Dans le soir du voyage il devinait à peine ce qui mouillait ses yeux, comment c'étaient les années sous l'absence, sous la douleur lente du silence.
Il n'avait vu d'elle que cette capacité d'enfance émerveillée, gestes et regards chaque jour comme on vient au monde, une évidence aussi limpide, ténue visages et paysages offerts en soi, comme touchés par l'immédiat bonheur des découvertes.
Elle avait dit : " C'est pour oublier que je suis ici " et dans sa chair la part d'ombre au bord des larmes, le regard à peine qui implore, les yeux mobiles, éperdus, qui cherchent un monde.

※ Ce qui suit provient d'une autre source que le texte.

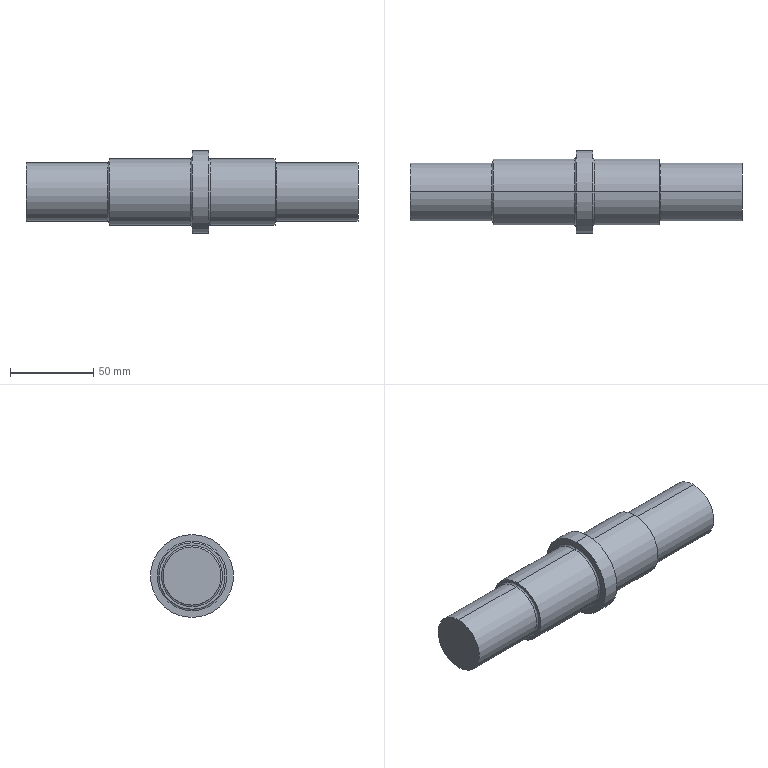Component | SolidWorks | AxisTwo-1 | 1 solid | 24 faces | box 200 x 50 x 50 mm | volume 229046 mm3 | cylinder 10 | torus 8 | plane 6 | commonest cylinder face diameters 35 x4 40 x4 50 x2
build123d program:
from build123d import *


with BuildPart() as part:
    # Sketch1 → Revolve1 (revolve)
    with BuildSketch(Plane(origin=(0, 0, 0), x_dir=(0, 0, -1), z_dir=(1, 0, 0)), mode=Mode.PRIVATE) as revolve1_sk:
        with BuildLine():
            Line((0, 0), (0, 17.5))
            Line((0, 17.5), (49, 17.5))
            ThreePointArc((49, 17.5), (49.707, 17.793), (50, 18.5))
            Line((50, 18.5), (50, 20))
            Line((50, 20), (89, 20))
            ThreePointArc((89, 20), (89.707, 20.293), (90, 21))
            Line((90, 21), (90, 25))
            Line((90, 25), (100, 25))
            Line((100, 25), (100, 21))
            ThreePointArc((100, 21), (100.293, 20.293), (101, 20))
            Line((101, 20), (150, 20))
            Line((150, 20), (150, 18.5))
            ThreePointArc((150, 18.5), (150.293, 17.793), (151, 17.5))
            Line((151, 17.5), (200, 17.5))
            Line((200, 17.5), (200, 0))
            Line((200, 0), (0, 0))
        make_face()
    revolve(revolve1_sk.sketch.rotate(Axis((0, 0, -200), (0, 0, 1)), 90), axis=Axis((0, 0, -200), (0, 0, 1)))


solid = part.part

# Placed as in the assembly
solid = solid.moved(Location((300.528, 15.31, -110), (0, 90, 0)))
STEP:
#1=COLOUR_RGB('',0.7922,0.8196,0.9333);
#2=FILL_AREA_STYLE_COLOUR('',#1);
#3=FILL_AREA_STYLE('',(#2));
#4=SURFACE_STYLE_FILL_AREA(#3);
#5=SURFACE_SIDE_STYLE('',(#4));
#6=SURFACE_STYLE_USAGE(.BOTH.,#5);
#7=PRESENTATION_STYLE_ASSIGNMENT((#6));
#8=CARTESIAN_POINT('',(11.832,0.6028,-3.642));
#9=VERTEX_POINT('',#8);
#10=CARTESIAN_POINT('',(11.832,0.6028,-5.02));
#11=VERTEX_POINT('',#10);
#12=CARTESIAN_POINT('',(11.832,0.6028,-4.331));
#13=DIRECTION('',(-1.,0.,0.));
#14=DIRECTION('',(0.,0.,1.));
#15=AXIS2_PLACEMENT_3D('',#12,#13,#14);
#16=CIRCLE('',#15,0.689);
#17=EDGE_CURVE('',#9,#11,#16,.T.);
#18=ORIENTED_EDGE('',*,*,#17,.T.);
#19=CARTESIAN_POINT('',(9.903,0.6028,-5.02));
#20=VERTEX_POINT('',#19);
#21=CARTESIAN_POINT('',(3.958,0.6028,-5.02));
#22=DIRECTION('',(-1.,0.,0.));
#23=VECTOR('',#22,39.37);
#24=LINE('',#21,#23);
#25=EDGE_CURVE('',#11,#20,#24,.T.);
#26=ORIENTED_EDGE('',*,*,#25,.T.);
#27=CARTESIAN_POINT('',(9.903,0.6028,-3.642));
#28=VERTEX_POINT('',#27);
#29=CARTESIAN_POINT('',(9.903,0.6028,-4.331));
#30=DIRECTION('',(-1.,0.,0.));
#31=DIRECTION('',(0.,0.,1.));
#32=AXIS2_PLACEMENT_3D('',#29,#30,#31);
#33=CIRCLE('',#32,0.689);
#34=EDGE_CURVE('',#28,#20,#33,.T.);
#35=ORIENTED_EDGE('',*,*,#34,.F.);
#36=CARTESIAN_POINT('',(3.958,0.6028,-3.642));
#37=DIRECTION('',(-1.,0.,0.));
#38=VECTOR('',#37,39.37);
#39=LINE('',#36,#38);
#40=EDGE_CURVE('',#9,#28,#39,.T.);
#41=ORIENTED_EDGE('',*,*,#40,.F.);
#42=EDGE_LOOP('',(#18,#26,#35,#41));
#43=FACE_OUTER_BOUND('',#42,.T.);
#44=CARTESIAN_POINT('',(3.958,0.6028,-4.331));
#45=DIRECTION('',(-1.,0.,0.));
#46=DIRECTION('',(0.,0.,1.));
#47=AXIS2_PLACEMENT_3D('',#44,#45,#46);
#48=CYLINDRICAL_SURFACE('',#47,0.689);
#49=ADVANCED_FACE('',(#43),#48,.T.);
#50=CARTESIAN_POINT('',(9.863,0.6028,-5.059));
#51=VERTEX_POINT('',#50);
#52=CARTESIAN_POINT('',(9.863,0.6028,-3.602));
#53=VERTEX_POINT('',#52);
#54=CARTESIAN_POINT('',(9.863,0.6028,-4.331));
#55=DIRECTION('',(-1.,0.,0.));
#56=DIRECTION('',(0.,0.,1.));
#57=AXIS2_PLACEMENT_3D('',#54,#55,#56);
#58=CIRCLE('',#57,0.7283);
#59=EDGE_CURVE('',#51,#53,#58,.T.);
#60=ORIENTED_EDGE('',*,*,#59,.F.);
#61=CARTESIAN_POINT('',(9.903,0.6028,-5.059));
#62=DIRECTION('',(0.,1.,0.));
#63=DIRECTION('',(0.,0.,1.));
#64=AXIS2_PLACEMENT_3D('',#61,#62,#63);
#65=CIRCLE('',#64,0.03937);
#66=EDGE_CURVE('',#51,#20,#65,.T.);
#67=ORIENTED_EDGE('',*,*,#66,.T.);
#68=CARTESIAN_POINT('',(9.903,0.6028,-4.331));
#69=DIRECTION('',(-1.,0.,0.));
#70=DIRECTION('',(0.,0.,1.));
#71=AXIS2_PLACEMENT_3D('',#68,#69,#70);
#72=CIRCLE('',#71,0.689);
#73=EDGE_CURVE('',#20,#28,#72,.T.);
#74=ORIENTED_EDGE('',*,*,#73,.T.);
#75=CARTESIAN_POINT('',(9.903,0.6028,-3.602));
#76=DIRECTION('',(0.,-1.,0.));
#77=DIRECTION('',(0.,0.,-1.));
#78=AXIS2_PLACEMENT_3D('',#75,#76,#77);
#79=CIRCLE('',#78,0.03937);
#80=EDGE_CURVE('',#53,#28,#79,.T.);
#81=ORIENTED_EDGE('',*,*,#80,.F.);
#82=EDGE_LOOP('',(#60,#67,#74,#81));
#83=FACE_OUTER_BOUND('',#82,.T.);
#84=CARTESIAN_POINT('',(9.903,0.6028,-4.331));
#85=DIRECTION('',(-1.,0.,0.));
#86=DIRECTION('',(0.,0.,1.));
#87=AXIS2_PLACEMENT_3D('',#84,#85,#86);
#88=TOROIDAL_SURFACE('',#87,0.7283,0.03937);
#89=ADVANCED_FACE('',(#83),#88,.F.);
#90=CARTESIAN_POINT('',(9.863,0.6028,-3.543));
#91=VERTEX_POINT('',#90);
#92=CARTESIAN_POINT('',(9.863,0.6028,-5.118));
#93=VERTEX_POINT('',#92);
#94=CARTESIAN_POINT('',(9.863,0.6028,-4.331));
#95=DIRECTION('',(-1.,0.,0.));
#96=DIRECTION('',(0.,0.,1.));
#97=AXIS2_PLACEMENT_3D('',#94,#95,#96);
#98=CIRCLE('',#97,0.7874);
#99=EDGE_CURVE('',#91,#93,#98,.T.);
#100=ORIENTED_EDGE('',*,*,#99,.T.);
#101=CARTESIAN_POINT('',(8.328,0.6028,-5.118));
#102=VERTEX_POINT('',#101);
#103=CARTESIAN_POINT('',(3.958,0.6028,-5.118));
#104=DIRECTION('',(-1.,0.,0.));
#105=VECTOR('',#104,39.37);
#106=LINE('',#103,#105);
#107=EDGE_CURVE('',#93,#102,#106,.T.);
#108=ORIENTED_EDGE('',*,*,#107,.T.);
#109=CARTESIAN_POINT('',(8.328,0.6028,-3.543));
#110=VERTEX_POINT('',#109);
#111=CARTESIAN_POINT('',(8.328,0.6028,-4.331));
#112=DIRECTION('',(-1.,0.,0.));
#113=DIRECTION('',(0.,0.,1.));
#114=AXIS2_PLACEMENT_3D('',#111,#112,#113);
#115=CIRCLE('',#114,0.7874);
#116=EDGE_CURVE('',#110,#102,#115,.T.);
#117=ORIENTED_EDGE('',*,*,#116,.F.);
#118=CARTESIAN_POINT('',(3.958,0.6028,-3.543));
#119=DIRECTION('',(-1.,0.,0.));
#120=VECTOR('',#119,39.37);
#121=LINE('',#118,#120);
#122=EDGE_CURVE('',#91,#110,#121,.T.);
#123=ORIENTED_EDGE('',*,*,#122,.F.);
#124=EDGE_LOOP('',(#100,#108,#117,#123));
#125=FACE_OUTER_BOUND('',#124,.T.);
#126=CARTESIAN_POINT('',(3.958,0.6028,-4.331));
#127=DIRECTION('',(-1.,0.,0.));
#128=DIRECTION('',(0.,0.,1.));
#129=AXIS2_PLACEMENT_3D('',#126,#127,#128);
#130=CYLINDRICAL_SURFACE('',#129,0.7874);
#131=ADVANCED_FACE('',(#125),#130,.T.);
#132=CARTESIAN_POINT('',(8.288,0.6028,-5.157));
#133=VERTEX_POINT('',#132);
#134=CARTESIAN_POINT('',(8.288,0.6028,-3.504));
#135=VERTEX_POINT('',#134);
#136=CARTESIAN_POINT('',(8.288,0.6028,-4.331));
#137=DIRECTION('',(-1.,0.,0.));
#138=DIRECTION('',(0.,0.,1.));
#139=AXIS2_PLACEMENT_3D('',#136,#137,#138);
#140=CIRCLE('',#139,0.8268);
#141=EDGE_CURVE('',#133,#135,#140,.T.);
#142=ORIENTED_EDGE('',*,*,#141,.F.);
#143=CARTESIAN_POINT('',(8.328,0.6028,-5.157));
#144=DIRECTION('',(0.,1.,0.));
#145=DIRECTION('',(0.,0.,1.));
#146=AXIS2_PLACEMENT_3D('',#143,#144,#145);
#147=CIRCLE('',#146,0.03937);
#148=EDGE_CURVE('',#133,#102,#147,.T.);
#149=ORIENTED_EDGE('',*,*,#148,.T.);
#150=CARTESIAN_POINT('',(8.328,0.6028,-4.331));
#151=DIRECTION('',(-1.,0.,0.));
#152=DIRECTION('',(0.,0.,1.));
#153=AXIS2_PLACEMENT_3D('',#150,#151,#152);
#154=CIRCLE('',#153,0.7874);
#155=EDGE_CURVE('',#102,#110,#154,.T.);
#156=ORIENTED_EDGE('',*,*,#155,.T.);
#157=CARTESIAN_POINT('',(8.328,0.6028,-3.504));
#158=DIRECTION('',(0.,-1.,0.));
#159=DIRECTION('',(0.,0.,-1.));
#160=AXIS2_PLACEMENT_3D('',#157,#158,#159);
#161=CIRCLE('',#160,0.03937);
#162=EDGE_CURVE('',#135,#110,#161,.T.);
#163=ORIENTED_EDGE('',*,*,#162,.F.);
#164=EDGE_LOOP('',(#142,#149,#156,#163));
#165=FACE_OUTER_BOUND('',#164,.T.);
#166=CARTESIAN_POINT('',(8.328,0.6028,-4.331));
#167=DIRECTION('',(-1.,0.,0.));
#168=DIRECTION('',(0.,0.,1.));
#169=AXIS2_PLACEMENT_3D('',#166,#167,#168);
#170=TOROIDAL_SURFACE('',#169,0.8268,0.03937);
#171=ADVANCED_FACE('',(#165),#170,.F.);
#172=CARTESIAN_POINT('',(8.288,0.6028,-3.346));
#173=VERTEX_POINT('',#172);
#174=CARTESIAN_POINT('',(8.288,0.6028,-5.315));
#175=VERTEX_POINT('',#174);
#176=CARTESIAN_POINT('',(8.288,0.6028,-4.331));
#177=DIRECTION('',(-1.,0.,0.));
#178=DIRECTION('',(0.,0.,1.));
#179=AXIS2_PLACEMENT_3D('',#176,#177,#178);
#180=CIRCLE('',#179,0.9843);
#181=EDGE_CURVE('',#173,#175,#180,.T.);
#182=ORIENTED_EDGE('',*,*,#181,.T.);
#183=CARTESIAN_POINT('',(7.895,0.6028,-5.315));
#184=VERTEX_POINT('',#183);
#185=CARTESIAN_POINT('',(3.958,0.6028,-5.315));
#186=DIRECTION('',(-1.,0.,0.));
#187=VECTOR('',#186,39.37);
#188=LINE('',#185,#187);
#189=EDGE_CURVE('',#175,#184,#188,.T.);
#190=ORIENTED_EDGE('',*,*,#189,.T.);
#191=CARTESIAN_POINT('',(7.895,0.6028,-3.346));
#192=VERTEX_POINT('',#191);
#193=CARTESIAN_POINT('',(7.895,0.6028,-4.331));
#194=DIRECTION('',(-1.,0.,0.));
#195=DIRECTION('',(0.,0.,1.));
#196=AXIS2_PLACEMENT_3D('',#193,#194,#195);
#197=CIRCLE('',#196,0.9843);
#198=EDGE_CURVE('',#192,#184,#197,.T.);
#199=ORIENTED_EDGE('',*,*,#198,.F.);
#200=CARTESIAN_POINT('',(3.958,0.6028,-3.346));
#201=DIRECTION('',(-1.,0.,0.));
#202=VECTOR('',#201,39.37);
#203=LINE('',#200,#202);
#204=EDGE_CURVE('',#173,#192,#203,.T.);
#205=ORIENTED_EDGE('',*,*,#204,.F.);
#206=EDGE_LOOP('',(#182,#190,#199,#205));
#207=FACE_OUTER_BOUND('',#206,.T.);
#208=CARTESIAN_POINT('',(3.958,0.6028,-4.331));
#209=DIRECTION('',(-1.,0.,0.));
#210=DIRECTION('',(0.,0.,1.));
#211=AXIS2_PLACEMENT_3D('',#208,#209,#210);
#212=CYLINDRICAL_SURFACE('',#211,0.9843);
#213=ADVANCED_FACE('',(#207),#212,.T.);
#214=CARTESIAN_POINT('',(7.855,0.6028,-5.118));
#215=VERTEX_POINT('',#214);
#216=CARTESIAN_POINT('',(7.855,0.6028,-3.543));
#217=VERTEX_POINT('',#216);
#218=CARTESIAN_POINT('',(7.855,0.6028,-4.331));
#219=DIRECTION('',(-1.,0.,0.));
#220=DIRECTION('',(0.,0.,1.));
#221=AXIS2_PLACEMENT_3D('',#218,#219,#220);
#222=CIRCLE('',#221,0.7874);
#223=EDGE_CURVE('',#215,#217,#222,.T.);
#224=ORIENTED_EDGE('',*,*,#223,.F.);
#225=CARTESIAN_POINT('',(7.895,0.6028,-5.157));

Il aurait tant voulu les mots pour lever la douleur, dresser l'orbe à nouveau de l'enfance chercher son front, ses cheveux proches remués par leurs paroles
C'était dans le soir très lointain de l'Asie dans la foule et les bruits, les corps multipliés ils marchaient parmi eux parmi toutes les amitiés du monde, elle avait eu ce sourire encore lavé de toutes les joies partagées de l'enfance, de ces bribes d'histoires qu'elle disait comme une dentelle de rêves où c'était le bonheur.
Il prit son épaule, il devinait à peine, il aurait tant voulu les mots, sur elle, réconciliés.